Red Rock House in New York by Anmahian Winton Architects

Red Rock House in New York by Anmahian Winton Architects

Published: June 25, 2020 | By: American Luxury Staff

Red Rock House, Red Rock, New York. Anmahian Winton Architects.

“This home is located in a small Berkshires township on a densely wooded, 16-acre property. The site initially afforded no views and little sun penetration, its topography defined by a steep slope, a vertical rock ledge along its east edge, and a creek prone to seasonal flooding to the west. These dramatic elements informed the siting of the buildings and the ways that landscape, views, and daylight could be integrated into the design.

The project embraces a “machine in the garden” design approach, where contemporary vocabulary and minimal form underscore the relationship between built work and natural landscape. AW collaborated closely with Cambridge-based landscape architects Reed-Hilderbrand on both the development of sustainable foresting as well as the design of garden terraces and architectural landscape walls. The initial design strategy focused on manipulating the site to preserve as much of its natural topography as possible.  A 200-foot long board-formed concrete retaining wall runs north—south along the site’s east edge to expose new plateaus for buildings, garden, and meadow. Clinging to this wall, the guesthouse anchors the building assembly in the steep hillside, while the main house and deck project out from the landform into the treetops.  A linear bluestone path connects guesthouse and main house, and leads to the west balcony in the tree-tops, looking out over the creek below.

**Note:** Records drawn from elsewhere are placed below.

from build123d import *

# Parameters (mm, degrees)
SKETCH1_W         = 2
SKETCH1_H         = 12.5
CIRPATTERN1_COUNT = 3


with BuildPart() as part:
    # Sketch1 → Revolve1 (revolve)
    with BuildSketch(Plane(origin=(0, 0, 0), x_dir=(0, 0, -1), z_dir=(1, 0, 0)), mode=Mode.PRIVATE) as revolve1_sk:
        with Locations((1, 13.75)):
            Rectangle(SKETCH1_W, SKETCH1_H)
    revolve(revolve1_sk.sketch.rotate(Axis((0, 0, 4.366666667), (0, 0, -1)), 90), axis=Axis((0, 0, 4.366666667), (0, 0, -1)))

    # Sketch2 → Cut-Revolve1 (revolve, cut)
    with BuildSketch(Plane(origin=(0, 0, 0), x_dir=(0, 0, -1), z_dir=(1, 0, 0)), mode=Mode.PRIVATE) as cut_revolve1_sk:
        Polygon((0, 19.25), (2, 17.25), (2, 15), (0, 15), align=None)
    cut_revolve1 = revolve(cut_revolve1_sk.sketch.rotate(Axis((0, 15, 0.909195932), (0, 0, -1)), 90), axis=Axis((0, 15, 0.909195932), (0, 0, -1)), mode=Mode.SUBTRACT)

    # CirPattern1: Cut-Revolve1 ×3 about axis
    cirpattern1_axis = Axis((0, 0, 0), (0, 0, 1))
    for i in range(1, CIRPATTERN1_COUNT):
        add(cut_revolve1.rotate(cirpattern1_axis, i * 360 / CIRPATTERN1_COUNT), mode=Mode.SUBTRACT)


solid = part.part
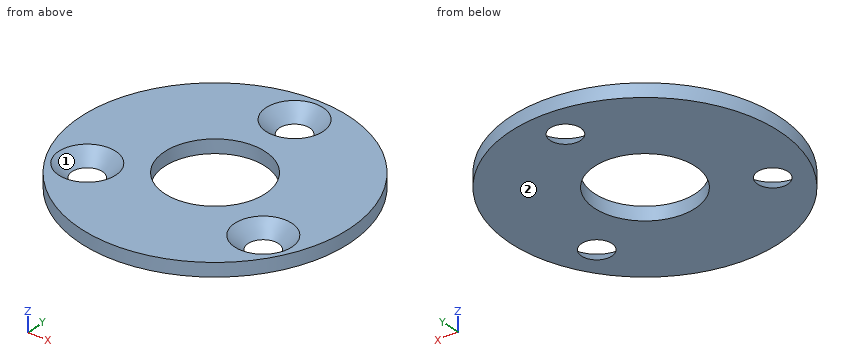
The listing builds one solid part. Answer for the finished solid, in the listing's coordinates (mm). Face numbers are marked on the shaded views. Round coordinates to 2 decimals unless told otherwise and drop trailing zeros. Write each loop counter-clockwise with the first axis right and the second up, starting at its lowest first coordinate (ties: lowest second). Pieces come first, ordered by that corner, then holes. Notation, with made-up numbers: M -8,3.5 L 8,3.5 A14 cw 8,25.5 Z; hole C 55,-39 d3. An arc over 180 degrees is marked long. Write each question's results on one line, items separated by ' | '. Start each with the question number.
Item 1: Find section D-D on y = 15. Write down the section's boundary in (x, z).
Item 2: Straight lines are drawn through the part: probe 1 along X at (y, z) = (-10.5, -0.35); probe 2 along X at (y, z) = (-6, -0.95); probe 3 along Y at (x, z) = (0, -0.75). For each, find the intervals that lie inside material, in ascending order.
Item 3: Find section A-A on y = 0. Write down the section's boundary in (x, z).
Item 4: Given pin 1 Ø1 at (x, z) = (14, -0.5) entering from +Y; pin 2 Ø8 at (x, y) = (-5.5, 2) entering from +Z; pin 3 Ø1.5 at (x, y) = (-16, 14) entering from -Z, each flat-ended and moving along its own axis, determine where each tip first touches the part or whether it passes through.
Item 5: Find section B-B on x = 0. Write down the section's boundary in (y, z), and give its area (3 significant figures).
Item 6: The mould has two halves that part along X. Classify the marked faces 1 and 2: +X half, -X half, draft (parallel to the pull), parting line (faces both ways), or undercut.
Item 7: Find section C-C on z = -0.35. Write down the section's boundary in (x, y), and give its area (3 significant figures).
Answer block:
1) outline: M -13.23,-2 L -2.25,-2 L -4.25,0 L -13.23,0 Z; M 2.25,-2 L 13.23,-2 L 13.23,0 L 4.25,0 Z
2) probe 1: x = -17.02 to -15.48, -10.5 to 10.5, 15.48 to 17.02 | probe 2: x = -19.08 to -15.93, -10.05 to -4.5, 4.5 to 10.05, 15.93 to 19.08 | probe 3: y = -20 to -7.5, 7.5 to 11.5, 18.5 to 20
3) outline: M -20,-2 L -7.5,-2 L -7.5,0 L -20,0 Z; M 7.5,-2 L 20,-2 L 20,0 L 7.5,0 Z
4) pin 1: stops at y = 14.76 | pin 2: stops at z = 0 | pin 3: passes through
5) outline: M -20,-2 L -7.5,-2 L -7.5,0 L -20,0 Z; M 7.5,-2 L 12.75,-2 L 10.75,0 L 7.5,0 Z; M 17.25,-2 L 20,-2 L 20,0 L 19.25,0 Z | area: 37.0 mm²
6) face 1: undercut | face 2: draft
7) outline: C 0,0 d40; hole C -12.99,-7.5 d7.8; hole C 0,0 d15; hole C 0,15 d7.8; hole C 12.99,-7.5 d7.8 | area: 937 mm²

A minimal materials palette evokes both rusticity and precision, reflecting the juxtaposed orders of landscape and architecture. Buildings are clad in a high performance rainscreen of knotty western red cedar boards, milled with multiple profiles to generate a pattern that changes with the sun’s movement. The boards are organized within vertical bays delineated by aluminum T-sections, producing a textured rhythm that accommodates openings, fenestration, and screens. Lattice volumes created with aluminum L-sections indicate primary entrance to both buildings, while screening interior spaces from exposure to southern sun. Building interiors are entirely white, emphasizing the play of light, the client’s collection of art, and views of the landscape.”